Fig. 8: Gut-derived H₂S promotes the ACD of hepatic c-kit⁺ cDC1 and the development of MASH in mice.

a Top 10 KEGG enrichment of hepatic c-kit⁺ cDC1 from WT mice fed with NCD and WD for 30 W. n = 3/group. b GSEA analysis of Autophagy signaling. c Flow cytometry histograms of CYTO-ID (autophagic flux). n = 5/group. d Schematic of the H₂S delivery. e Autophagic flux analysis of hepatic XCR1⁺ cDC1. n = 5/group. f Correlation analysis between the concentration of H₂S and the autophagic flux of XCR1⁺ cDC1 in the liver. Spearman’s rank correlation coefficient test was performed. 95% confidence interval (0.7132 to 0.9658), P < 0.0001. g TEM showing the autophagosome and autolysosome in c-kit⁺ DC induced in vitro. n = 3/group. h Relative expression of p62 and LC3. n = 3/group. i MTT data showing the cell survival rate of c-kit⁺ DC induced in vitro. j MTT data showing the cell survival rate of c-kit⁺ DC in Atg5^flox/flox and Atg5^-/- mice. n ⁼ 5/group.

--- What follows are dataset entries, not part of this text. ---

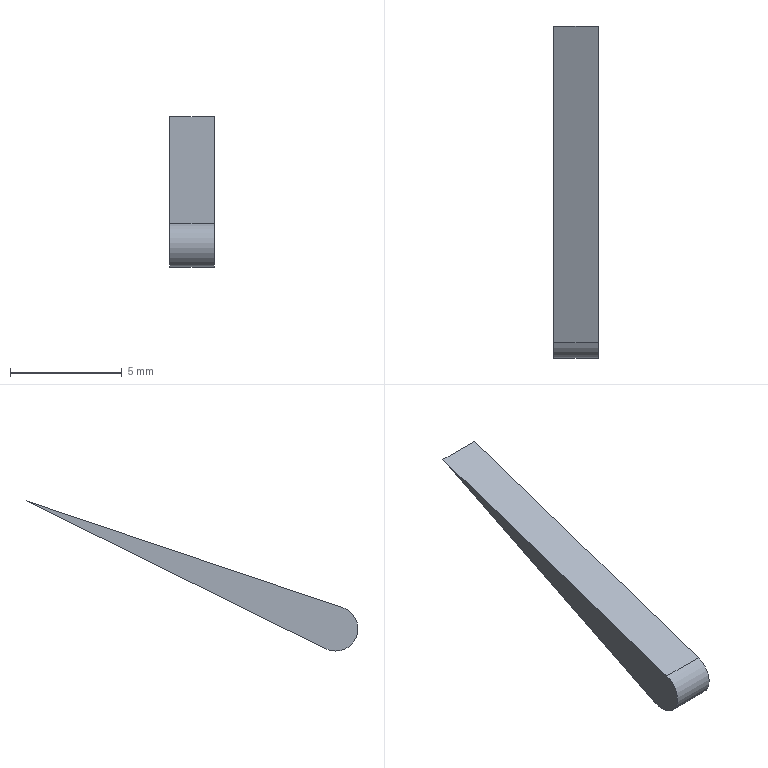Component | NX | CLOCK1 | 1 solid | 5 faces | box 2 x 14.86 x 6.73 mm | volume 33 mm3 | plane 4 | cylinder 1 | commonest cylinder face diameters 2 x1
STEP:
#1=CARTESIAN_POINT('',(0.,0.,0.));
#2=DIRECTION('',(0.,0.,1.));
#3=DIRECTION('',(1.,0.,0.));
#4=AXIS2_PLACEMENT_3D('',#1,#2,#3);
#5=CARTESIAN_POINT('',(-152.42,280.938,31.419));
#6=VERTEX_POINT('',#5);
#7=CARTESIAN_POINT('',(-152.42,281.7,29.575));
#8=VERTEX_POINT('',#7);
#9=CARTESIAN_POINT('',(-152.42,281.257,30.472));
#10=DIRECTION('',(1.,0.,0.));
#11=DIRECTION('',(0.,0.9242,0.3818));
#12=AXIS2_PLACEMENT_3D('',#9,#10,#11);
#13=CIRCLE('',#12,1.);
#14=CARTESIAN_POINT('',(-150.42,281.257,30.472));
#15=DIRECTION('',(-1.,0.,0.));
#16=DIRECTION('',(0.,-0.9242,-0.3818));
#17=AXIS2_PLACEMENT_3D('',#14,#15,#16);
#18=CYLINDRICAL_SURFACE('',#17,1.);
#19=CARTESIAN_POINT('',(9.425,2.));
#20=DIRECTION('',(-1.,0.));
#21=VECTOR('',#20,1.);
#22=LINE('',#19,#21);
#23=(GEOMETRIC_REPRESENTATION_CONTEXT(2)PARAMETRIC_REPRESENTATION_CONTEXT()REPRESENTATION_CONTEXT('',''));
#24=DEFINITIONAL_REPRESENTATION('',(#22),#23);
#25=PCURVE('',#18,#24);
#26=CARTESIAN_POINT('',(-152.42,281.257,30.472));
#27=DIRECTION('',(1.,0.,0.));
#28=DIRECTION('',(0.,0.9242,0.3818));
#29=AXIS2_PLACEMENT_3D('',#26,#27,#28);
#30=PLANE('',#29);
#31=CARTESIAN_POINT('',(0.,0.));
#32=DIRECTION('',(1.,0.));
#33=AXIS2_PLACEMENT_2D('',#31,#32);
#34=CIRCLE('',#33,1.);
#35=(GEOMETRIC_REPRESENTATION_CONTEXT(2)PARAMETRIC_REPRESENTATION_CONTEXT()REPRESENTATION_CONTEXT('',''));
#36=DEFINITIONAL_REPRESENTATION('',(#34),#35);
#37=PCURVE('',#30,#36);
#38=SURFACE_CURVE('',#13,(#25,#37),.PCURVE_S1.);
#39=EDGE_CURVE('',#6,#8,#38,.T.);
#40=ORIENTED_EDGE('',*,*,#39,.T.);
#41=CARTESIAN_POINT('',(-150.42,281.7,29.575));
#42=VERTEX_POINT('',#41);
#43=CARTESIAN_POINT('',(-150.42,281.7,29.575));
#44=DIRECTION('',(-1.,0.,0.));
#45=VECTOR('',#44,1.);
#46=LINE('',#43,#45);
#47=CARTESIAN_POINT('',(4.646,0.));
#48=DIRECTION('',(0.,1.));
#49=VECTOR('',#48,1.);
#50=LINE('',#47,#49);
#51=(GEOMETRIC_REPRESENTATION_CONTEXT(2)PARAMETRIC_REPRESENTATION_CONTEXT()REPRESENTATION_CONTEXT('',''));
#52=DEFINITIONAL_REPRESENTATION('',(#50),#51);
#53=PCURVE('',#18,#52);
#54=CARTESIAN_POINT('',(-150.42,281.7,29.575));
#55=DIRECTION('',(0.,-0.4426,0.8967));
#56=DIRECTION('',(0.,-0.8967,-0.4426));
#57=AXIS2_PLACEMENT_3D('',#54,#55,#56);
#58=PLANE('',#57);
#59=CARTESIAN_POINT('',(0.,0.));
#60=DIRECTION('',(0.,-1.));
#61=VECTOR('',#60,1.);
#62=LINE('',#59,#61);
#63=(GEOMETRIC_REPRESENTATION_CONTEXT(2)PARAMETRIC_REPRESENTATION_CONTEXT()REPRESENTATION_CONTEXT('',''));
#64=DEFINITIONAL_REPRESENTATION('',(#62),#63);
#65=PCURVE('',#58,#64);
#66=SURFACE_CURVE('',#46,(#53,#65),.PCURVE_S1.);
#67=EDGE_CURVE('',#42,#8,#66,.T.);
#68=ORIENTED_EDGE('',*,*,#67,.F.);
#69=CARTESIAN_POINT('',(-150.42,280.938,31.419));
#70=VERTEX_POINT('',#69);
#71=CARTESIAN_POINT('',(-150.42,281.257,30.472));
#72=DIRECTION('',(1.,0.,0.));
#73=DIRECTION('',(0.,0.9242,0.3818));
#74=AXIS2_PLACEMENT_3D('',#71,#72,#73);
#75=CIRCLE('',#74,1.);
#76=CARTESIAN_POINT('',(9.425,0.));
#77=DIRECTION('',(-1.,0.));
#78=VECTOR('',#77,1.);
#79=LINE('',#76,#78);
#80=(GEOMETRIC_REPRESENTATION_CONTEXT(2)PARAMETRIC_REPRESENTATION_CONTEXT()REPRESENTATION_CONTEXT('',''));
#81=DEFINITIONAL_REPRESENTATION('',(#79),#80);
#82=PCURVE('',#18,#81);
#83=CARTESIAN_POINT('',(-150.42,281.257,30.472));
#84=DIRECTION('',(1.,0.,0.));
#85=DIRECTION('',(0.,0.9242,0.3818));
#86=AXIS2_PLACEMENT_3D('',#83,#84,#85);
#87=PLANE('',#86);
#88=CARTESIAN_POINT('',(0.,0.));
#89=DIRECTION('',(1.,0.));
#90=AXIS2_PLACEMENT_2D('',#88,#89);
#91=CIRCLE('',#90,1.);
#92=(GEOMETRIC_REPRESENTATION_CONTEXT(2)PARAMETRIC_REPRESENTATION_CONTEXT()REPRESENTATION_CONTEXT('',''));
#93=DEFINITIONAL_REPRESENTATION('',(#91),#92);
#94=PCURVE('',#87,#93);
#95=SURFACE_CURVE('',#75,(#82,#94),.PCURVE_S1.);
#96=EDGE_CURVE('',#70,#42,#95,.T.);
#97=ORIENTED_EDGE('',*,*,#96,.F.);
#98=CARTESIAN_POINT('',(-150.42,280.938,31.419));
#99=DIRECTION('',(-1.,0.,0.));
#100=VECTOR('',#99,1.);
#101=LINE('',#98,#100);
#102=CARTESIAN_POINT('',(7.921,0.));
#103=DIRECTION('',(0.,1.));
#104=VECTOR('',#103,1.);
#105=LINE('',#102,#104);
#106=(GEOMETRIC_REPRESENTATION_CONTEXT(2)PARAMETRIC_REPRESENTATION_CONTEXT()REPRESENTATION_CONTEXT('',''));
#107=DEFINITIONAL_REPRESENTATION('',(#105),#106);
#108=PCURVE('',#18,#107);
#109=CARTESIAN_POINT('',(-150.42,295.12,36.199));
#110=DIRECTION('',(0.,0.3194,-0.9476));
#111=DIRECTION('',(0.,0.9476,0.3194));
#112=AXIS2_PLACEMENT_3D('',#109,#110,#111);
#113=PLANE('',#112);
#114=CARTESIAN_POINT('',(-14.967,0.));
#115=DIRECTION('',(0.,-1.));
#116=VECTOR('',#115,1.);
#117=LINE('',#114,#116);
#118=(GEOMETRIC_REPRESENTATION_CONTEXT(2)PARAMETRIC_REPRESENTATION_CONTEXT()REPRESENTATION_CONTEXT('',''));
#119=DEFINITIONAL_REPRESENTATION('',(#117),#118);
#120=PCURVE('',#113,#119);
#121=SURFACE_CURVE('',#101,(#108,#120),.PCURVE_S1.);
#122=EDGE_CURVE('',#70,#6,#121,.T.);
#123=ORIENTED_EDGE('',*,*,#122,.T.);
#124=EDGE_LOOP('',(#40,#68,#97,#123));
#125=FACE_BOUND('',#124,.T.);
#126=ADVANCED_FACE('',(#125),#18,.T.);
#127=CARTESIAN_POINT('',(-152.42,295.12,36.199));
#128=VERTEX_POINT('',#127);
#129=CARTESIAN_POINT('',(-152.42,281.7,29.575));
#130=DIRECTION('',(0.,0.8967,0.4426));
#131=VECTOR('',#130,1.);
#132=LINE('',#129,#131);
#133=CARTESIAN_POINT('',(0.,-2.));
#134=DIRECTION('',(-1.,0.));
#135=VECTOR('',#134,1.);
#136=LINE('',#133,#135);
#137=(GEOMETRIC_REPRESENTATION_CONTEXT(2)PARAMETRIC_REPRESENTATION_CONTEXT()REPRESENTATION_CONTEXT('',''));
#138=DEFINITIONAL_REPRESENTATION('',(#136),#137);
#139=PCURVE('',#58,#138);
#140=CARTESIAN_POINT('',(0.06667,-0.9978));
#141=DIRECTION('',(0.9978,0.06667));
#142=VECTOR('',#141,1.);
#143=LINE('',#140,#142);
#144=(GEOMETRIC_REPRESENTATION_CONTEXT(2)PARAMETRIC_REPRESENTATION_CONTEXT()REPRESENTATION_CONTEXT('',''));
#145=DEFINITIONAL_REPRESENTATION('',(#143),#144);
#146=PCURVE('',#30,#145);
#147=SURFACE_CURVE('',#132,(#139,#146),.PCURVE_S1.);
#148=EDGE_CURVE('',#8,#128,#147,.T.);
#149=ORIENTED_EDGE('',*,*,#148,.T.);
#150=CARTESIAN_POINT('',(-150.42,295.12,36.199));
#151=VERTEX_POINT('',#150);
#152=CARTESIAN_POINT('',(-150.42,295.12,36.199));
#153=DIRECTION('',(-1.,0.,0.));
#154=VECTOR('',#153,1.);
#155=LINE('',#152,#154);
#156=CARTESIAN_POINT('',(-14.967,0.));
#157=DIRECTION('',(0.,-1.));
#158=VECTOR('',#157,1.);
#159=LINE('',#156,#158);
#160=(GEOMETRIC_REPRESENTATION_CONTEXT(2)PARAMETRIC_REPRESENTATION_CONTEXT()REPRESENTATION_CONTEXT('',''));
#161=DEFINITIONAL_REPRESENTATION('',(#159),#160);
#162=PCURVE('',#58,#161);
#163=CARTESIAN_POINT('',(0.,0.));
#164=DIRECTION('',(0.,-1.));
#165=VECTOR('',#164,1.);
#166=LINE('',#163,#165);
#167=(GEOMETRIC_REPRESENTATION_CONTEXT(2)PARAMETRIC_REPRESENTATION_CONTEXT()REPRESENTATION_CONTEXT('',''));
#168=DEFINITIONAL_REPRESENTATION('',(#166),#167);
#169=PCURVE('',#113,#168);
#170=SURFACE_CURVE('',#155,(#162,#169),.PCURVE_S1.);
#171=EDGE_CURVE('',#151,#128,#170,.T.);
#172=ORIENTED_EDGE('',*,*,#171,.F.);
#173=CARTESIAN_POINT('',(-150.42,281.7,29.575));
#174=DIRECTION('',(0.,0.8967,0.4426));
#175=VECTOR('',#174,1.);
#176=LINE('',#173,#175);
#177=CARTESIAN_POINT('',(0.,0.));
#178=DIRECTION('',(-1.,0.));
#179=VECTOR('',#178,1.);
#180=LINE('',#177,#179);
#181=(GEOMETRIC_REPRESENTATION_CONTEXT(2)PARAMETRIC_REPRESENTATION_CONTEXT()REPRESENTATION_CONTEXT('',''));
#182=DEFINITIONAL_REPRESENTATION('',(#180),#181);
#183=PCURVE('',#58,#182);
#184=CARTESIAN_POINT('',(0.06667,-0.9978));
#185=DIRECTION('',(0.9978,0.06667));
#186=VECTOR('',#185,1.);
#187=LINE('',#184,#186);
#188=(GEOMETRIC_REPRESENTATION_CONTEXT(2)PARAMETRIC_REPRESENTATION_CONTEXT()REPRESENTATION_CONTEXT('',''));
#189=DEFINITIONAL_REPRESENTATION('',(#187),#188);
#190=PCURVE('',#87,#189);
#191=SURFACE_CURVE('',#176,(#183,#190),.PCURVE_S1.);
#192=EDGE_CURVE('',#42,#151,#191,.T.);
#193=ORIENTED_EDGE('',*,*,#192,.F.);
#194=ORIENTED_EDGE('',*,*,#67,.T.);
#195=EDGE_LOOP('',(#149,#172,#193,#194));
#196=FACE_BOUND('',#195,.T.);
#197=ADVANCED_FACE('',(#196),#58,.F.);
#198=CARTESIAN_POINT('',(-152.42,295.12,36.199));
#199=DIRECTION('',(0.,-0.9476,-0.3194));
#200=VECTOR('',#199,1.);
#201=LINE('',#198,#200);
#202=CARTESIAN_POINT('',(0.,-2.));
#203=DIRECTION('',(-1.,0.));
#204=VECTOR('',#203,1.);
#205=LINE('',#202,#204);
#206=(GEOMETRIC_REPRESENTATION_CONTEXT(2)PARAMETRIC_REPRESENTATION_CONTEXT()REPRESENTATION_CONTEXT('',''));
#207=DEFINITIONAL_REPRESENTATION('',(#205),#206);
#208=PCURVE('',#113,#207);
#209=CARTESIAN_POINT('',(15.,0.));
#210=DIRECTION('',(-0.9978,0.06667));
#211=VECTOR('',#210,1.);
#212=LINE('',#209,#211);
#213=(GEOMETRIC_REPRESENTATION_CONTEXT(2)PARAMETRIC_REPRESENTATION_CONTEXT()REPRESENTATION_CONTEXT('',''));
#214=DEFINITIONAL_REPRESENTATION('',(#212),#213);
#215=PCURVE('',#30,#214);
#216=SURFACE_CURVE('',#201,(#208,#215),.PCURVE_S1.);
#217=EDGE_CURVE('',#128,#6,#216,.T.);
#218=ORIENTED_EDGE('',*,*,#217,.T.);
#219=ORIENTED_EDGE('',*,*,#122,.F.);
#220=CARTESIAN_POINT('',(-150.42,295.12,36.199));
#221=DIRECTION('',(0.,-0.9476,-0.3194));
#222=VECTOR('',#221,1.);
#223=LINE('',#220,#222);
#224=CARTESIAN_POINT('',(0.,0.));
#225=DIRECTION('',(-1.,0.));
#226=VECTOR('',#225,1.);
#227=LINE('',#224,#226);
#228=(GEOMETRIC_REPRESENTATION_CONTEXT(2)PARAMETRIC_REPRESENTATION_CONTEXT()REPRESENTATION_CONTEXT('',''));
#229=DEFINITIONAL_REPRESENTATION('',(#227),#228);
#230=PCURVE('',#113,#229);
#231=CARTESIAN_POINT('',(15.,0.));
#232=DIRECTION('',(-0.9978,0.06667));
#233=VECTOR('',#232,1.);
#234=LINE('',#231,#233);
#235=(GEOMETRIC_REPRESENTATION_CONTEXT(2)PARAMETRIC_REPRESENTATION_CONTEXT()REPRESENTATION_CONTEXT('',''));
#236=DEFINITIONAL_REPRESENTATION('',(#234),#235);
#237=PCURVE('',#87,#236);
#238=SURFACE_CURVE('',#223,(#230,#237),.PCURVE_S1.);
#239=EDGE_CURVE('',#151,#70,#238,.T.);
#240=ORIENTED_EDGE('',*,*,#239,.F.);
#241=ORIENTED_EDGE('',*,*,#171,.T.);
#242=EDGE_LOOP('',(#218,#219,#240,#241));
#243=FACE_BOUND('',#242,.T.);
#244=ADVANCED_FACE('',(#243),#113,.F.);
#245=ORIENTED_EDGE('',*,*,#96,.T.);
#246=ORIENTED_EDGE('',*,*,#192,.T.);
#247=ORIENTED_EDGE('',*,*,#239,.T.);
#248=EDGE_LOOP('',(#245,#246,#247));
#249=FACE_BOUND('',#248,.T.);
#250=ADVANCED_FACE('',(#249),#87,.T.);
#251=ORIENTED_EDGE('',*,*,#39,.F.);
#252=ORIENTED_EDGE('',*,*,#217,.F.);
#253=ORIENTED_EDGE('',*,*,#148,.F.);
#254=EDGE_LOOP('',(#251,#252,#253));
#255=FACE_BOUND('',#254,.T.);
#256=ADVANCED_FACE('',(#255),#30,.F.);
#257=CLOSED_SHELL('',(#126,#197,#244,#250,#256));
#258=MANIFOLD_SOLID_BREP('',#257);
#259=(LENGTH_UNIT()NAMED_UNIT(*)SI_UNIT(.MILLI.,.METRE.));
#260=UNCERTAINTY_MEASURE_WITH_UNIT(LENGTH_MEASURE(0.0000001),#259,'','');
#261=(NAMED_UNIT(*)PLANE_ANGLE_UNIT()SI_UNIT($,.RADIAN.));
#262=(NAMED_UNIT(*)SI_UNIT($,.STERADIAN.)SOLID_ANGLE_UNIT());
#263=(GEOMETRIC_REPRESENTATION_CONTEXT(3)GLOBAL_UNCERTAINTY_ASSIGNED_CONTEXT((#260))GLOBAL_UNIT_ASSIGNED_CONTEXT((#259,#261,#262))REPRESENTATION_CONTEXT('',''));
#264=ADVANCED_BREP_SHAPE_REPRESENTATION('',(#4,#258),#263);

Data were represented as mean ± SEM. P values calculated by a two-tailed unpaired Student’s t-test (g, j), one-way ANOVA with Tukey’s post hoc test (c, e, i) or two-way ANOVA with Tukey’s post hoc test (h). The screening criteria for KEGG were adjusted p < 0.05 and FDR value (q value) < 0.25, and the p value correction method was Benjamini-Hochberg (a). Significance levels were reported as *P < 0.05, **P < 0.01. a–c, groups sharing no common letters indicate statistically significant differences (P < 0.05), groups sharing partial letters indicate no significant difference (P > 0.05). 3MA 3-Methyladenine, FDR False Discovery Rate, MTT methylthiazolyl diphenyl-tetrazolium bromide. Source data were provided as a Source Data file.